Ségolène Royal est loin d’avoir dit son dernier mot – et c’est tant mieux.

Bernard-Henri Lévy
Nicolas Sarkozy : «Je serai un président comme Louis de Funès dans le Grand restaurant : servile avec les puissants, ignoble avec les faibles. J'adore. »

Non, ce n'est pas une invention; il l'a réellement dit !

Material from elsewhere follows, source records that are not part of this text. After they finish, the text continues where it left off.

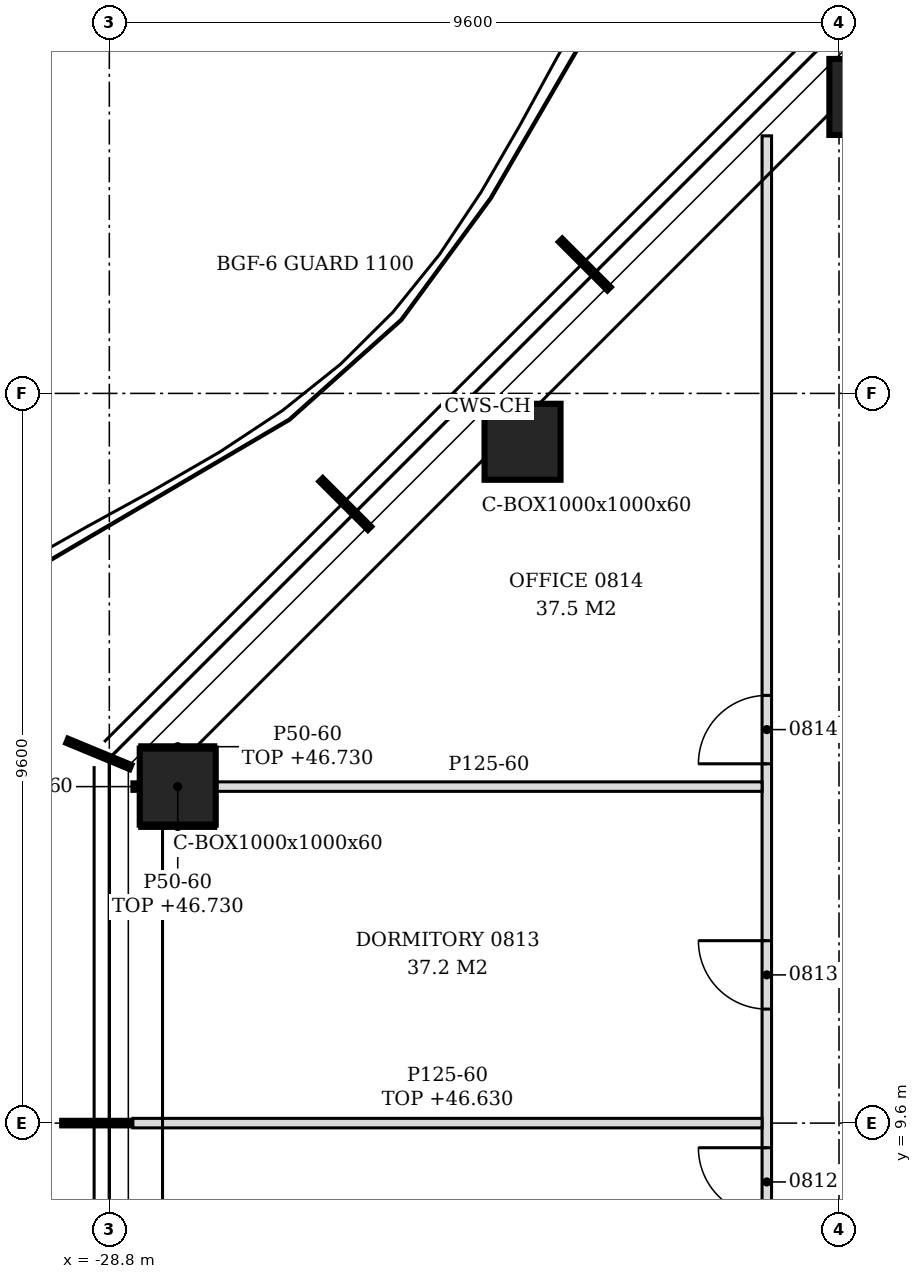
"""IFC4 building model, lengths in metres.
Left out: names, types, materials, properties, quantities, classifications, styles, units other than length and angle.
Written with IfcOpenShell. Run it as: python <this file> out.ifc"""

import sys

from ifc_helpers import new_model, si_unit, direction, frame, frame_2d, origin, origin_2d, place, context, subcontext, project, spatial, polyline, rectangle, hollow_rectangle, outline, extrude, element, fill, save


model = new_model("IFC4")
c1 = context("Model", 3, precision=1e-05, world=origin(), true_north=direction((0.0, 1.0)))
c2 = subcontext(c1, "Body", "Model", "MODEL_VIEW")
j1 = project(units=[si_unit("LENGTHUNIT", "METRE"), si_unit("PLANEANGLEUNIT", "RADIAN")], contexts=[c1])
p1 = place(None, origin())
s1 = spatial("IfcSite", under=j1, at=p1, CompositionType="ELEMENT")
p2 = place(p1, origin())
s2 = spatial("IfcBuilding", under=s1, at=p2, CompositionType="ELEMENT")
p3 = place(p2, frame((0.0, 0.0, 43.8)))
s3 = spatial("IfcBuildingStorey", under=s2, at=p3, CompositionType="ELEMENT", Elevation=43.8)
for number, where, z_axis, x_axis in (
    (1, (-18.827, 23.1, -0.15), (0.0, 0.0, 1.0), (1.0, 0.0, 0.0)),
    (2, (-23.364, 18.564, -0.15), (0.0, 0.0, 1.0), (1.0, 0.0, 0.0)),
    (3, (-27.9, 14.027, -0.15), (0.0, 0.0, 1.0), (1.0, 0.0, 0.0)),
):
    element("IfcColumn", number, at=place(p3, frame(where, z_axis=z_axis, x_axis=x_axis)), inside=s3, PredefinedType="COLUMN", context=c2, shape_type="SweptSolid", body=[
        extrude(hollow_rectangle(XDim=1.0, YDim=1.0, WallThickness=0.06, at=origin_2d()), origin(), (0.0, 0.0, 1.0), 3.6),
    ])
p4 = place(p3, frame((-20.15, -15.288, 0.0), z_axis=(0.0, 0.0, 1.0), x_axis=(0.0, 1.0, 0.0)))
e4 = element("IfcWall", 4, at=p4, inside=s3, PredefinedType="PARTITIONING", context=c2, shape_type="SweptSolid", body=[
    extrude(outline(polyline([(0.0, 0.0), (37.876, 0.0), (37.876, 3.45), (37.622, 3.45), (37.62, 2.63), (36.507, 2.63), (36.505, 3.45), (34.583, 3.45), (34.581, 2.98), (34.393, 2.98), (34.39, 3.45), (29.798, 3.45), (29.795, 2.83), (29.577, 2.83), (29.575, 3.45), (24.998, 3.45), (24.996, 2.83), (24.778, 2.83), (24.775, 3.45), (20.198, 3.45), (20.196, 2.83), (19.978, 2.83), (19.976, 3.45), (15.397, 3.45), (15.396, 2.83), (15.177, 2.83), (15.176, 3.45), (10.597, 3.45), (10.595, 2.83), (10.377, 2.83), (10.375, 3.45), (5.798, 3.45), (5.795, 2.83), (5.577, 2.83), (5.575, 3.45), (0.998, 3.45), (0.996, 2.83), (0.778, 2.83), (0.775, 3.45), (0.0, 3.45), (0.0, 0.0)])), frame((0.0, 0.062, 0.0), z_axis=(0.0, -1.0, 0.0), x_axis=(1.0, 0.0, 0.0)), (0.0, 0.0, 1.0), 0.125),
])
p5 = place(p4, frame((9.337, 0.0, 0.0)))
e5 = element("IfcOpeningElement", 5, at=p5, cuts=e4, PredefinedType="OPENING", context=c2, shape_type="SweptSolid", body=[
    extrude(rectangle(XDim=0.9, YDim=2.1, at=frame_2d((0.45, 1.05))), frame((0.0, 0.073, 0.0), z_axis=(0.0, -1.0, 0.0), x_axis=(1.0, 0.0, 0.0)), (0.0, 0.0, 1.0), 0.145),
])
p6 = place(p4, frame((10.912, 0.0, 0.0)))
e6 = element("IfcOpeningElement", 6, at=p6, cuts=e4, PredefinedType="OPENING", context=c2, shape_type="SweptSolid", body=[
    extrude(rectangle(XDim=0.9, YDim=2.1, at=frame_2d((0.45, 1.05))), frame((0.0, 0.073, 0.0), z_axis=(0.0, -1.0, 0.0), x_axis=(1.0, 0.0, 0.0)), (0.0, 0.0, 1.0), 0.145),
])
p7 = place(p4, frame((16.488, 0.0, 0.0)))
e7 = element("IfcOpeningElement", 7, at=p7, cuts=e4, PredefinedType="OPENING", context=c2, shape_type="SweptSolid", body=[
    extrude(rectangle(XDim=0.9, YDim=2.1, at=frame_2d((0.45, 1.05))), frame((0.0, 0.073, 0.0), z_axis=(0.0, -1.0, 0.0), x_axis=(1.0, 0.0, 0.0)), (0.0, 0.0, 1.0), 0.145),
])
p8 = place(p4, frame((23.664, 0.0, 0.0)))
e8 = element("IfcOpeningElement", 8, at=p8, cuts=e4, PredefinedType="OPENING", context=c2, shape_type="SweptSolid", body=[
    extrude(rectangle(XDim=0.9, YDim=2.1, at=frame_2d((0.45, 1.05))), frame((0.0, 0.073, 0.0), z_axis=(0.0, -1.0, 0.0), x_axis=(1.0, 0.0, 0.0)), (0.0, 0.0, 1.0), 0.145),
])
p9 = place(p4, frame((26.387, 0.0, 0.0)))
e9 = element("IfcOpeningElement", 9, at=p9, cuts=e4, PredefinedType="OPENING", context=c2, shape_type="SweptSolid", body=[
    extrude(rectangle(XDim=0.9, YDim=2.1, at=frame_2d((0.45, 1.05))), frame((0.0, 0.073, 0.0), z_axis=(0.0, -1.0, 0.0), x_axis=(1.0, 0.0, 0.0)), (0.0, 0.0, 1.0), 0.145),
])
p10 = place(p4, frame((29.615, 0.0, 0.0)))
e10 = element("IfcOpeningElement", 10, at=p10, cuts=e4, PredefinedType="OPENING", context=c2, shape_type="SweptSolid", body=[
    extrude(rectangle(XDim=0.9, YDim=2.1, at=frame_2d((0.45, 1.05))), frame((0.0, 0.073, 0.0), z_axis=(0.0, -1.0, 0.0), x_axis=(1.0, 0.0, 0.0)), (0.0, 0.0, 1.0), 0.145),
])
p11 = place(p3, frame((-28.49, 9.6, 0.0), z_axis=(0.0, 0.0, 1.0), x_axis=(1.0, 0.0, 0.0)))
e11 = element("IfcWall", 11, at=p11, inside=s3, PredefinedType="PARTITIONING", context=c2, shape_type="SweptSolid", body=[
    extrude(rectangle(XDim=8.278, YDim=0.125, at=frame_2d((4.139, 0.0))), origin(), (0.0, 0.0, 1.0), 2.83),
])
p12 = place(p3, frame((-28.503, 14.027, 0.0), z_axis=(0.0, 0.0, 1.0), x_axis=(1.0, 0.0, 0.0)))
e12 = element("IfcWall", 12, at=p12, inside=s3, PredefinedType="PARTITIONING", context=c2, shape_type="SweptSolid", body=[
    extrude(rectangle(XDim=0.103, YDim=0.125, at=frame_2d((0.052, 0.0))), origin(), (0.0, 0.0, 1.0), 3.45),
])
p13 = place(p3, frame((-27.4, 14.027, 0.0), z_axis=(0.0, 0.0, 1.0), x_axis=(1.0, 0.0, 0.0)))
e13 = element("IfcWall", 13, at=p13, inside=s3, PredefinedType="PARTITIONING", context=c2, shape_type="SweptSolid", body=[
    extrude(rectangle(XDim=7.188, YDim=0.125, at=frame_2d((3.594, 0.0))), origin(), (0.0, 0.0, 1.0), 3.45),
])
for number, where, z_axis, x_axis in (
    (14, (-28.4, 14.552, 0.0), (0.0, 0.0, 1.0), (1.0, 0.0, 0.0)),
    (15, (-28.4, 13.502, 0.0), (0.0, 0.0, 1.0), (1.0, 0.0, 0.0)),
):
    element("IfcWall", number, at=place(p3, frame(where, z_axis=z_axis, x_axis=x_axis)), inside=s3, PredefinedType="PARTITIONING", context=c2, shape_type="SweptSolid", body=[
        extrude(rectangle(XDim=1.0, YDim=0.05, at=frame_2d((0.5, 0.0))), origin(), (0.0, 0.0, 1.0), 2.93),
    ])
p14 = place(p8, origin())
e16 = element("IfcDoor", 16, at=p14, inside=s3, OperationType="SINGLE_SWING_RIGHT", PredefinedType="DOOR", context=c2, shape_type="SweptSolid", body=[
    extrude(rectangle(XDim=0.9, YDim=2.1, at=frame_2d((0.45, 1.05))), frame((0.0, 0.025, 0.0), z_axis=(0.0, -1.0, 0.0), x_axis=(1.0, 0.0, 0.0)), (0.0, 0.0, 1.0), 0.05),
])
fill(e8, e16)
p15 = place(p9, origin())
e17 = element("IfcDoor", 17, at=p15, inside=s3, OperationType="SINGLE_SWING_RIGHT", PredefinedType="DOOR", context=c2, shape_type="SweptSolid", body=[
    extrude(rectangle(XDim=0.9, YDim=2.1, at=frame_2d((0.45, 1.05))), frame((0.0, 0.025, 0.0), z_axis=(0.0, -1.0, 0.0), x_axis=(1.0, 0.0, 0.0)), (0.0, 0.0, 1.0), 0.05),
])
fill(e9, e17)
p16 = place(p10, origin())
e18 = element("IfcDoor", 18, at=p16, inside=s3, OperationType="SINGLE_SWING_LEFT", PredefinedType="DOOR", context=c2, shape_type="SweptSolid", body=[
    extrude(rectangle(XDim=0.9, YDim=2.1, at=frame_2d((0.45, 1.05))), frame((0.0, 0.025, 0.0), z_axis=(0.0, -1.0, 0.0), x_axis=(1.0, 0.0, 0.0)), (0.0, 0.0, 1.0), 0.05),
])
fill(e10, e18)
save(model, sys.argv[1])

Voir l'article dans le Parisien

Victor Hugo : extrait des Châtiments, III, 4, 1853

 Ils ont voté (1) ! Troupeau que la peur mène paître

Entre le sacristain et le garde champêtre,

Vous qui, pleins de terreur, voyez, pour vous manger,

Pour manger vos maisons, vos bois, votre verger,

Vos meules de luzerne et vos pommes à cidre(2),

S'ouvrir tous les matins les mâchoires d'une hydre ;

Braves gens, qui croyez en vos foins, et mettez

De la religion dans vos propriétés ;

Âmes que l'argent touche et que l'or fait dévotes (3)

Maires narquois, traînant vos paysans aux votes

Marguilliers (4) aux regards vitreux ; curés camus (5)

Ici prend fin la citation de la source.